CPI Talks… with Catherine Tucker

In this edition of CPI Talks we have the pleasure of speaking with Catherine Tucker, the Sloan Distinguished Professor of Management and a Professor of Marketing at MIT Sloan. She is also Chair of the MIT Sloan PhD Program.

Thank you, Professor Tucker, for taking this time to talk to CPI.

 

1. Is the breaking up of a company ever viable as an antitrust remedy? What has the historical experience taught us thus far?

As an undergraduate in economics, I was reared on stories of breaking up natural monopolies. Indeed, the industrial organization of the 1980s and 1990s was focused on questions of whether you could take a natural monopoly and make it more efficient by breaking it up.

The economics underlying breakup remedies, when it came to the apparent natural monopolies of the 1980s, was reasonably straightforward. The argument was that there were natural economies of scale in erecting and maintaining phone lines, for example. This implied that the existing incumbent would always have a sustained competitive advantage over an entrant.

Typically, the rationale now given for the breakup of platforms is that there are network effects that lead to a natural monopoly. I have written extensively why this viewpoint does not reflect the empirical literature in economics on the nature and scope of network effects.

However, even if one ignores this empirical literature, and tries to make the case that network effects do lead to natural monopoly, the underlying nature of the economics of that argument means that breakup is not an attractive remedy.

 

2. What about the welfare effects of breakup remedies? Are breakup remedies effective at improving consumer welfare?

The key difference between network effects and economies of scale is that at their essence, network effects are a demand-side phenomenon. Network effects enter directly into a prospective platform users’ utility function. Indeed, when I teach entrepreneurs how to build platforms, I get them to mentally model the likelihood of their acquiring a customer as being a function of the network effects they can create.

By contrast, economies of scale do not directly enter into a consumer’s utility function. Instead, they allow a producer to supply a good at a cheaper cost than its rivals. Much of antitrust debate is focused on the question of how much of that cost advantage benefits the consumer in terms of lower prices, relative to benefiting the firm in terms of higher profit margins. However, this economic ambiguity of how the gains of lower costs are split between consumer and firm does allow for debate. It also means that a regulator intent on breaking up a firm to limit economies of scale could perhaps argue that consumers could in theory still benefit, because if competition leads to lower profit margins, then this could counteract naturally higher costs and still lead to lower prices.

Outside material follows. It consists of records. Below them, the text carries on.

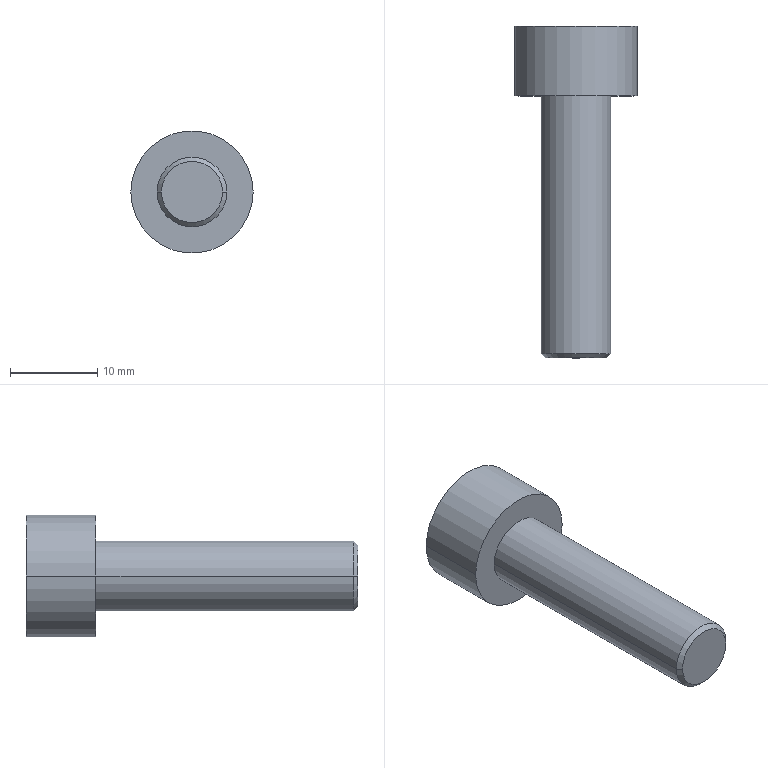Component | SolidWorks | M8x30HexSocketCap-2 | 1 solid | 16 faces | box 14 x 38 x 14 mm | volume 2553 mm3 | plane 10 | cylinder 4 | cone 2 | commonest cylinder face diameters 8 x2 14 x2 | material #45
build123d program:
from build123d import *

# Parameters (mm, degrees)
CUT_EXTRUDE1_DEPTH = 5.5


with BuildPart() as part:
    # Sketch1 → Revolve1 (revolve)
    with BuildSketch(Plane(origin=(0, 0, 0), x_dir=(1, 0, 0), z_dir=(0, 1, 0)), mode=Mode.PRIVATE) as revolve1_sk:
        Polygon((0, 38), (-7, 38), (-7, 30), (-4, 30), (-4, 0.5), (-3.5, 0), (0, 0), align=None)
    revolve(revolve1_sk.sketch.rotate(Axis((0, 0, 0), (0, 0, -1)), 180), axis=Axis((0, 0, 0), (0, 0, -1)))

    # Sketch2 → Cut-Extrude1 (cut)
    with BuildSketch(Plane(origin=(0, 0, -38), x_dir=(-1, 0, 0), z_dir=(0, 0, -1))):
        Polygon((0, 3.58), (-3.1, 1.79), (-3.1, -1.79), (0, -3.58), (3.1, -1.79), (3.1, 1.79), align=None)
    extrude(amount=-CUT_EXTRUDE1_DEPTH, mode=Mode.SUBTRACT)


solid = part.part

# Placed as in the assembly
solid = solid.moved(Location((7, -20, -15), (90, 0, 0)))
STEP:
#1=CARTESIAN_POINT('',(0.4134,-0.7874,-0.5906));
#2=VERTEX_POINT('',#1);
#3=CARTESIAN_POINT('',(0.1378,-0.7874,-0.5906));
#4=VERTEX_POINT('',#3);
#5=CARTESIAN_POINT('',(0.2756,-0.7874,-0.5906));
#6=DIRECTION('',(0.,-1.,0.));
#7=DIRECTION('',(1.,0.,0.));
#8=AXIS2_PLACEMENT_3D('',#5,#6,#7);
#9=CIRCLE('',#8,0.1378);
#10=EDGE_CURVE('',#2,#4,#9,.T.);
#11=ORIENTED_EDGE('',*,*,#10,.F.);
#12=CARTESIAN_POINT('',(0.4331,-0.7677,-0.5906));
#13=VERTEX_POINT('',#12);
#14=CARTESIAN_POINT('',(0.4331,-0.7677,-0.5906));
#15=DIRECTION('',(0.7071,0.7071,0.));
#16=VECTOR('',#15,39.37);
#17=LINE('',#14,#16);
#18=EDGE_CURVE('',#2,#13,#17,.T.);
#19=ORIENTED_EDGE('',*,*,#18,.T.);
#20=CARTESIAN_POINT('',(0.1181,-0.7677,-0.5906));
#21=VERTEX_POINT('',#20);
#22=CARTESIAN_POINT('',(0.2756,-0.7677,-0.5906));
#23=DIRECTION('',(0.,-1.,0.));
#24=DIRECTION('',(1.,0.,0.));
#25=AXIS2_PLACEMENT_3D('',#22,#23,#24);
#26=CIRCLE('',#25,0.1575);
#27=EDGE_CURVE('',#13,#21,#26,.T.);
#28=ORIENTED_EDGE('',*,*,#27,.T.);
#29=CARTESIAN_POINT('',(0.1181,-0.7677,-0.5906));
#30=DIRECTION('',(-0.7071,0.7071,0.));
#31=VECTOR('',#30,39.37);
#32=LINE('',#29,#31);
#33=EDGE_CURVE('',#4,#21,#32,.T.);
#34=ORIENTED_EDGE('',*,*,#33,.F.);
#35=EDGE_LOOP('',(#11,#19,#28,#34));
#36=FACE_OUTER_BOUND('',#35,.T.);
#37=CARTESIAN_POINT('',(0.2756,-0.7677,-0.5906));
#38=DIRECTION('',(0.,1.,0.));
#39=DIRECTION('',(-1.,0.,0.));
#40=AXIS2_PLACEMENT_3D('',#37,#38,#39);
#41=CONICAL_SURFACE('',#40,0.1575,0.7854);
#42=ADVANCED_FACE('',(#36),#41,.T.);
#43=CARTESIAN_POINT('',(0.4331,0.3937,-0.5906));
#44=VERTEX_POINT('',#43);
#45=CARTESIAN_POINT('',(0.1181,0.3937,-0.5906));
#46=VERTEX_POINT('',#45);
#47=CARTESIAN_POINT('',(0.2756,0.3937,-0.5906));
#48=DIRECTION('',(0.,-1.,0.));
#49=DIRECTION('',(1.,0.,0.));
#50=AXIS2_PLACEMENT_3D('',#47,#48,#49);
#51=CIRCLE('',#50,0.1575);
#52=EDGE_CURVE('',#44,#46,#51,.T.);
#53=ORIENTED_EDGE('',*,*,#52,.T.);
#54=CARTESIAN_POINT('',(0.1181,-0.7874,-0.5906));
#55=DIRECTION('',(0.,-1.,0.));
#56=VECTOR('',#55,39.37);
#57=LINE('',#54,#56);
#58=EDGE_CURVE('',#46,#21,#57,.T.);
#59=ORIENTED_EDGE('',*,*,#58,.T.);
#60=ORIENTED_EDGE('',*,*,#27,.F.);
#61=CARTESIAN_POINT('',(0.4331,-0.7874,-0.5906));
#62=DIRECTION('',(0.,-1.,0.));
#63=VECTOR('',#62,39.37);
#64=LINE('',#61,#63);
#65=EDGE_CURVE('',#44,#13,#64,.T.);
#66=ORIENTED_EDGE('',*,*,#65,.F.);
#67=EDGE_LOOP('',(#53,#59,#60,#66));
#68=FACE_OUTER_BOUND('',#67,.T.);
#69=CARTESIAN_POINT('',(0.2756,-0.7874,-0.5906));
#70=DIRECTION('',(0.,-1.,0.));
#71=DIRECTION('',(1.,0.,0.));
#72=AXIS2_PLACEMENT_3D('',#69,#70,#71);
#73=CYLINDRICAL_SURFACE('',#72,0.1575);
#74=ADVANCED_FACE('',(#68),#73,.T.);
#75=CARTESIAN_POINT('',(0.5512,0.7087,-0.5906));
#76=VERTEX_POINT('',#75);
#77=CARTESIAN_POINT('',(-0.,0.7087,-0.5906));
#78=VERTEX_POINT('',#77);
#79=CARTESIAN_POINT('',(0.2756,0.7087,-0.5906));
#80=DIRECTION('',(0.,-1.,0.));
#81=DIRECTION('',(1.,0.,0.));
#82=AXIS2_PLACEMENT_3D('',#79,#80,#81);
#83=CIRCLE('',#82,0.2756);
#84=EDGE_CURVE('',#76,#78,#83,.T.);
#85=ORIENTED_EDGE('',*,*,#84,.T.);
#86=CARTESIAN_POINT('',(-0.,0.3937,-0.5906));
#87=VERTEX_POINT('',#86);
#88=CARTESIAN_POINT('',(-0.,-0.7874,-0.5906));
#89=DIRECTION('',(0.,-1.,0.));
#90=VECTOR('',#89,39.37);
#91=LINE('',#88,#90);
#92=EDGE_CURVE('',#78,#87,#91,.T.);
#93=ORIENTED_EDGE('',*,*,#92,.T.);
#94=CARTESIAN_POINT('',(0.5512,0.3937,-0.5906));
#95=VERTEX_POINT('',#94);
#96=CARTESIAN_POINT('',(0.2756,0.3937,-0.5906));
#97=DIRECTION('',(0.,-1.,0.));
#98=DIRECTION('',(1.,0.,0.));
#99=AXIS2_PLACEMENT_3D('',#96,#97,#98);
#100=CIRCLE('',#99,0.2756);
#101=EDGE_CURVE('',#95,#87,#100,.T.);
#102=ORIENTED_EDGE('',*,*,#101,.F.);
#103=CARTESIAN_POINT('',(0.5512,-0.7874,-0.5906));
#104=DIRECTION('',(0.,-1.,0.));
#105=VECTOR('',#104,39.37);
#106=LINE('',#103,#105);
#107=EDGE_CURVE('',#76,#95,#106,.T.);
#108=ORIENTED_EDGE('',*,*,#107,.F.);
#109=EDGE_LOOP('',(#85,#93,#102,#108));
#110=FACE_OUTER_BOUND('',#109,.T.);
#111=CARTESIAN_POINT('',(0.2756,-0.7874,-0.5906));
#112=DIRECTION('',(0.,-1.,0.));
#113=DIRECTION('',(1.,0.,0.));
#114=AXIS2_PLACEMENT_3D('',#111,#112,#113);
#115=CYLINDRICAL_SURFACE('',#114,0.2756);
#116=ADVANCED_FACE('',(#110),#115,.T.);
#117=CARTESIAN_POINT('',(0.2756,0.7087,-0.4496));
#118=VERTEX_POINT('',#117);
#119=CARTESIAN_POINT('',(0.3976,0.7087,-0.5201));
#120=VERTEX_POINT('',#119);
#121=CARTESIAN_POINT('',(0.2756,0.7087,-0.4496));
#122=DIRECTION('',(0.866,0.,-0.5));
#123=VECTOR('',#122,39.37);
#124=LINE('',#121,#123);
#125=EDGE_CURVE('',#118,#120,#124,.T.);
#126=ORIENTED_EDGE('',*,*,#125,.F.);
#127=CARTESIAN_POINT('',(0.1535,0.7087,-0.5201));
#128=VERTEX_POINT('',#127);
#129=CARTESIAN_POINT('',(0.1535,0.7087,-0.5201));
#130=DIRECTION('',(0.866,0.,0.5));
#131=VECTOR('',#130,39.37);
#132=LINE('',#129,#131);
#133=EDGE_CURVE('',#128,#118,#132,.T.);
#134=ORIENTED_EDGE('',*,*,#133,.F.);
#135=CARTESIAN_POINT('',(0.1535,0.7087,-0.661));
#136=VERTEX_POINT('',#135);
#137=CARTESIAN_POINT('',(0.1535,0.7087,-0.661));
#138=DIRECTION('',(0.,0.,1.));
#139=VECTOR('',#138,39.37);
#140=LINE('',#137,#139);
#141=EDGE_CURVE('',#136,#128,#140,.T.);
#142=ORIENTED_EDGE('',*,*,#141,.F.);
#143=CARTESIAN_POINT('',(0.2756,0.7087,-0.7315));
#144=VERTEX_POINT('',#143);
#145=CARTESIAN_POINT('',(0.2756,0.7087,-0.7315));
#146=DIRECTION('',(-0.866,0.,0.5));
#147=VECTOR('',#146,39.37);
#148=LINE('',#145,#147);
#149=EDGE_CURVE('',#144,#136,#148,.T.);
#150=ORIENTED_EDGE('',*,*,#149,.F.);
#151=CARTESIAN_POINT('',(0.3976,0.7087,-0.661));
#152=VERTEX_POINT('',#151);
#153=CARTESIAN_POINT('',(0.3976,0.7087,-0.661));
#154=DIRECTION('',(-0.866,0.,-0.5));
#155=VECTOR('',#154,39.37);
#156=LINE('',#153,#155);
#157=EDGE_CURVE('',#152,#144,#156,.T.);
#158=ORIENTED_EDGE('',*,*,#157,.F.);
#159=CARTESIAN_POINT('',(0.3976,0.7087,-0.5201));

By contrast, because network effects directly enter into a platform’s utility function, there is no ambiguity that a breakup focused on curtailing network effects would diminish platform users’ utility directly. And there is no clear argument about lower prices that would help temper this direct reduction in utility. First, many users of platforms pay a zero price or are subsidized. Second, the reason a user-group on one side of the platform is typically subsidized is because users on the other side of the platform benefit asymmetrically from their presence. If we restrict a platform’s ability to construct network effects, then the rationale for a cross-subsidy disappears. So that means that not only do you have a reduction in welfare from the direct eradication of network effects, but you extinguish one rationale for a mutually beneficial cross-subsidy. In other words, if a regulator seriously believes in the argument that network effects lead users to be persistently attracted to a particular platform, then any breakup remedy designed to curtail platforms’ network effects will negatively affect consumer welfare.

 

3. Could breakup remedies be effective at increasing competition between so-called “digital platforms”?

There are many reasons to think that network effects are localized and fragile in nature and unlikely to give sustained competitive advantage. But let us imagine a two-sided platform where regulators have managed convincingly to demonstrate empirically that the network effects of that platform are both global and persistent in a way which led to a winner-takes-all market. What would that imply for the likelihood of a breakup improving competition?

Well, in some sense, it seems almost a trite question to ask. If you seriously believe that network effects are persistent and global enough to lead to a winner-takes-all market, then the effects of any breakup will be temporary. All that will happen is you take the ‘Winning’ platform, and temporarily split it into two platforms that compete. However, the same network effects that drove the decision to break up the platform will also lead to the re- emergence of a single winner, and the stronger the network effects are that the regulator is trying to counteract, the quicker that will happen.